Tout cela est bien joli dans un dessin animé et même plutôt vrai. Mais dans la réalité, quand on a affaire à ce genre de disque, il est difficile de ne pas tomber dans la simple critique négative. Après sept années de silence, que reste-t-il du groupe de Damon Albarn et Jamie Hewlett ? Une énorme campagne de promotion autour de ce disque qui donne l’impression, comme souvent dans ce cas, que la montagne accouche d’une souris. Et puis cette impression, toujours absolument désagréable, que les musiciens se soucient ou maîtrisent plus les à-cotés et la publicité que la musique.

Pour quoi en définitif ? Un disque bordélique qui, à force de vouloir jouer au plus malin (mélodiquement, rythmiquement, en alignant les invités (Vince Staples, Peven Everett, Popcaan, De La Soul, Carly Simon, Kilo Kish, Jehnny Beth (Camille Berthomier de Savages), Danny Brown, Grace Jones, Anthony Hamilton, Jean-Michel Jarre, Benjamin Clementine…) finit par perdre toute cohérence, tourne sérieusement en rond (mine de rien, il n’y a rien d’innovant et Albarn recycle toujours, irrémédiablement, les mêmes recettes, les mêmes effets) fatigue et lasse rapidement.

Dire que ce disque est inégal impliquerait qu’il y ait de vrais bons titres au milieu de ce marasme, or ce n’est même pas le cas.
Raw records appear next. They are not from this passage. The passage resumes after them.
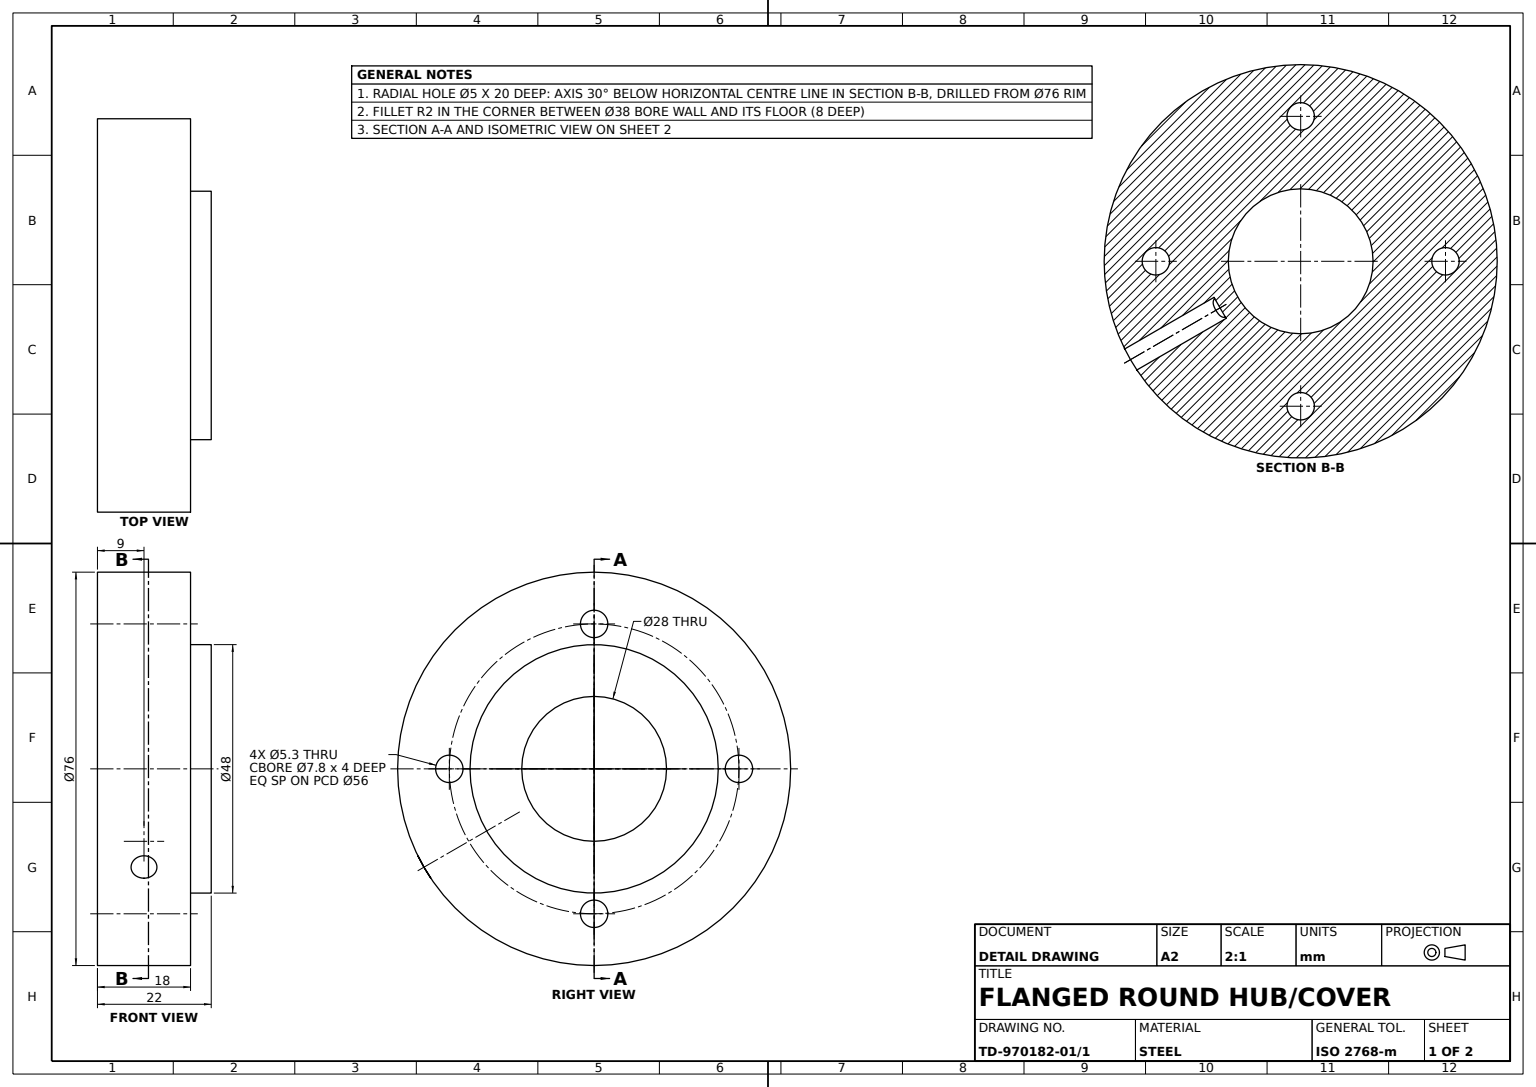
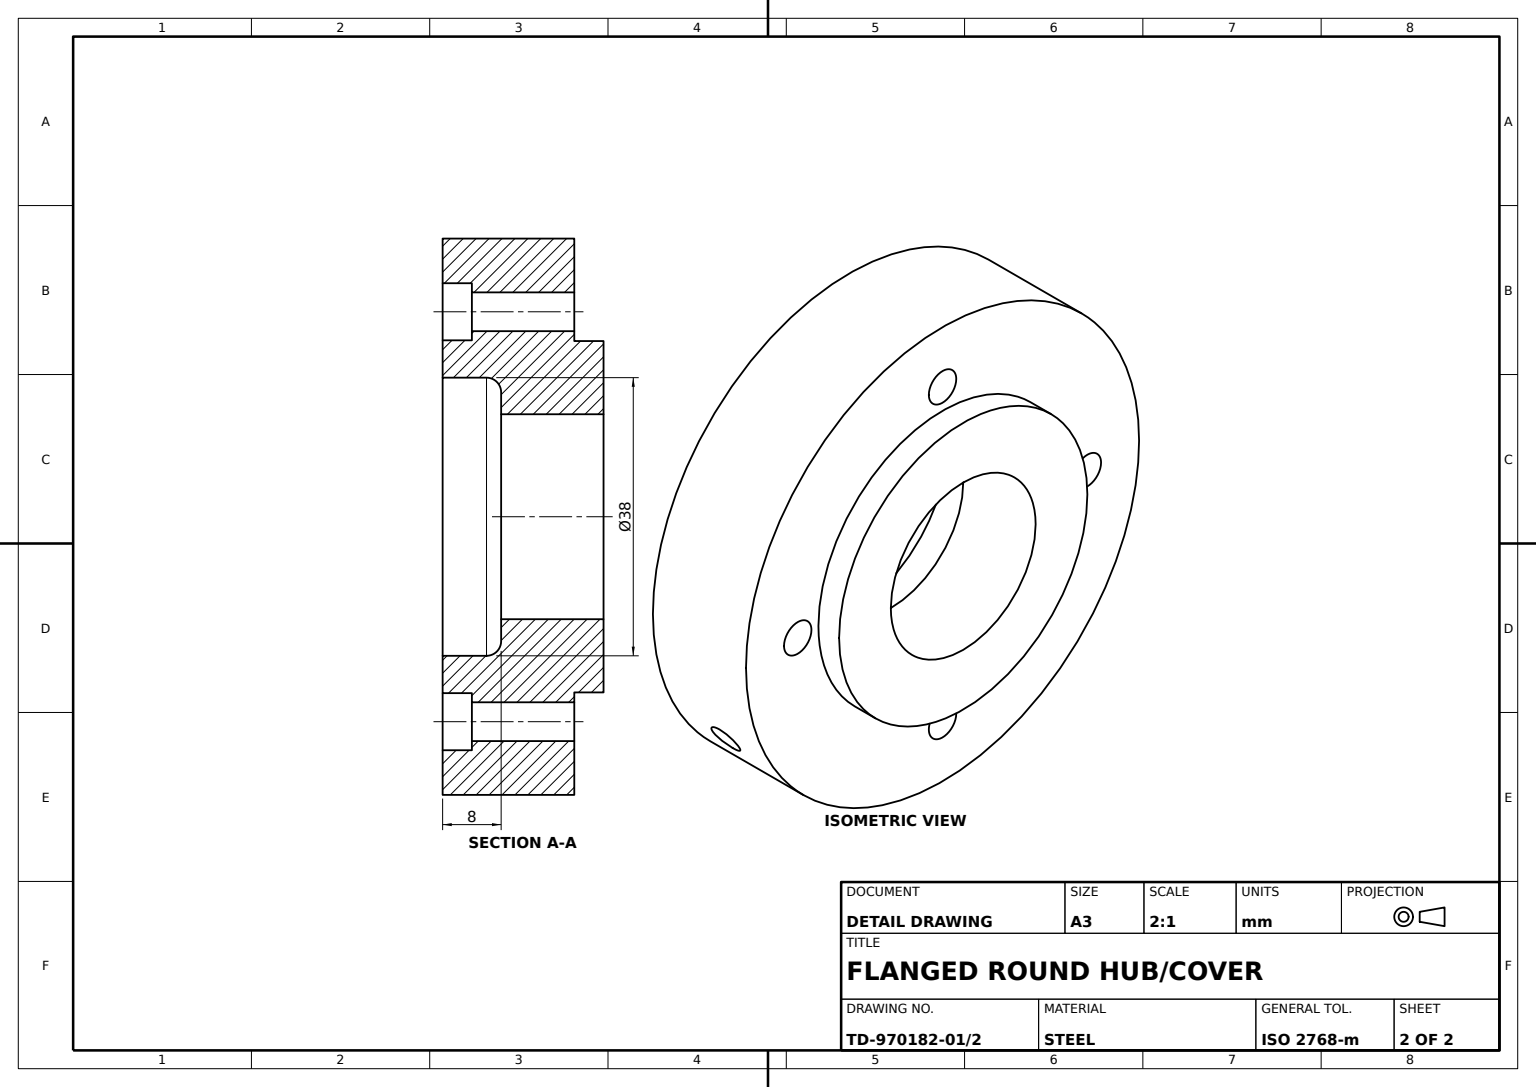
SolidWorks part; units mm, degrees
material "Plain Carbon Steel"
ref_plane "Front Plane" through (0, 0, 0) normal (0, 0, 1) x (1, 0, 0)
ref_plane "Top Plane" through (0, 0, 0) normal (0, 1, 0) x (1, 0, 0)
ref_plane "Right Plane" through (0, 0, 0) normal (1, 0, 0) x (0, 0, -1)
sketch "Base Disc Sketch" plane through (0, 0, 0) normal (0, 1, 0) x (1, 0, 0)
  line L0 (0, 77.9975) -> (0, -76.7867) construction
  line L1 (115.0286, 0) -> (-119.4683, 0) construction
  circle A0 centre (0, 0) radius 38
  dimension "D1" = 76
extrude "Base Disc Ø76x18" add sketch "Base Disc Sketch" along normal mid plane 18 contours A0
sketch "Spigot Sketch" plane through (0, 9, 0) normal (0, 1, 0) x (1, 0, 0)
  circle A0 centre (0, 0) radius 24
  dimension "D1" = 48
extrude "Spigot Ø48x8" add sketch "Spigot Sketch" along normal mid plane 8 contours A0
sketch "Mounting Hole Positions PCD Ø56" plane through (0, -9, 0) normal (0, -1, 0) x (1, 0, 0)
  line L0 (0, 41.7054) -> (0, -43.0294) construction
  line L1 (48.7836, 0) -> (-51.8389, 0) construction
  circle A0 centre (0, 0) radius 28 construction
  dimension "D1" = 56
hole_wizard "Counterbored Mounting Holes Ø5.3" positions "3DSketch1" profile "Sketch4" legacy
sketch3d "3DSketch1"
  line L0 (0, -9, 41.7054) -> (0, -9, -43.0294) construction
  line L1 (48.7836, -9, 0) -> (-51.8389, -9, 0) construction
  circle A0 centre (0, -9, 0) radius 28 construction
  point P0 (0, -9, 28)
  point P6 (0, -37, 0)
  point P7 (28, -9, 0)
  point P11 (0, -9, -28)
  point P13 (-28, -9, 0)
sketch "Sketch4" plane through (0, -9, 28) normal (1, 0, 0) x (0, 0, -1)
  line L0 (0, 0) -> (0, 18)
  line L1 (0, 18) -> (2.65, 18)
  line L2 (2.65, 18) -> (2.65, 4)
  line L3 (2.65, 4) -> (3.9, 4)
  line L4 (3.9, 4) -> (3.9, 0)
  line L5 (3.9, 0) -> (0, 0)
  line L6 (0, 110) -> (0, -10) construction
  dimension "Diameter" = 5.3
  dimension "Depth" = 18
  dimension "C-Bore Diameter" = 7.8
  dimension "C-Bore Depth" = 4
sketch "Counterbore Bore Sketch" plane through (0, -9, 0) normal (0, -1, 0) x (1, 0, 0)
  circle A0 centre (0, 0) radius 19
  dimension "D1" = 38
extrude "Counterbore Bore Ø38x16" cut sketch "Counterbore Bore Sketch" against normal mid plane 16 contours A0
sketch "Through Bore Sketch" plane through (0, -1, 0) normal (0, -1, 0) x (1, 0, 0)
  circle A0 centre (0, 0) radius 14
  dimension "D1" = 28
extrude "Through Bore Ø28" cut sketch "Through Bore Sketch" against normal up to next
fillet "Bore Edge Fillet R2" radius 2 1 edges at (0, -1, -19)
sketch "Radial Hole Plane Sketch 30deg" plane through (0, 0, 0) normal (0, 1, 0) x (1, 0, 0)
  line L0 (0, 46.1966) -> (0, -42.5625) construction
  line L1 (0, 0) -> (19.7257, -34.166) construction
  circle A0 centre (0, 0) radius 38 construction
  arc A1 (0, -38) -> (0, 38) centre (0, 0) ccw
  dimension "D1" = 30
ref_plane "Radial Hole Plane" through (19, 0, 32.909) normal (0.5, 0, 0.866) x (0.866, 0, -0.5)
hole_wizard "Radial Hole Ø5x20" positions "Sketch17" profile "Sketch18" legacy
sketch "Sketch17" plane through (19, 0, 32.909) normal (0.5, 0, 0.866) x (0.866, 0, -0.5)
  point P0 (0, 0)
sketch "Sketch18" plane through (19, 0, 32.909) normal (0, 1, 0) x (0.866, 0, -0.5)
  line L0 (0, 0) -> (0, 20)
  line L1 (0, 20) -> (2.5, 20)
  line L2 (2.5, 20) -> (2.5, 0)
  line L3 (2.5, 0) -> (0, 0)
  line L4 (0, 110) -> (0, -10) construction
  dimension "Diameter" = 5
  dimension "Depth" = 20

Peut-être sauverons-nous "Charger" (avec Grace Jones), "Let Me Out" (avec Mavis Staples & Pusha T) ou "We Got The Power" et encore ces titres n’ont absolument rien d’exceptionnel… Cela ne groove pas pour un sou, c’est souvent très laid musicalement ou dans la production.

Par contre, on sent très bien le côté : on va faire beaucoup de pub, un truc cool, facile et on va en vendre des palettes, pour la musique on verra plus tard. Et puis cela sonne archi daté. La pochette l’illustre très bien avec ce carré divisé en quatre façon Let it be des Beatles (pour signifier un retour aux fondamentaux ? Que Gorillaz n’existe plus ?), en mettant en scène des ressemblances entre les personnages et des artistes archi connus mais totalement has-been : Noodle en Björk, Murdoc en Noel Gallagher et 2D en Jack White). C’est tellement pauvre musicalement que cela occulte totalement le message premier, cette attaque contre Trump, l’impérialisme et l’ultra-libéralisme, réflexion bien trop mince et facile qui ne touche même pas par manque de consistance réelle ou de prise de risque.

Faux ou mauvais disque apocalyptique, même pas hédoniste, Humanz manque de tout : d’humilité, de sincérité, de supplément d’âme, de musique pour vraiment toucher. Grosso modo, il fera une jolie bande son pour accompagner tout le cirque vidéo qui va avec Gorillaz mais rien de plus… même pas une ratatouille…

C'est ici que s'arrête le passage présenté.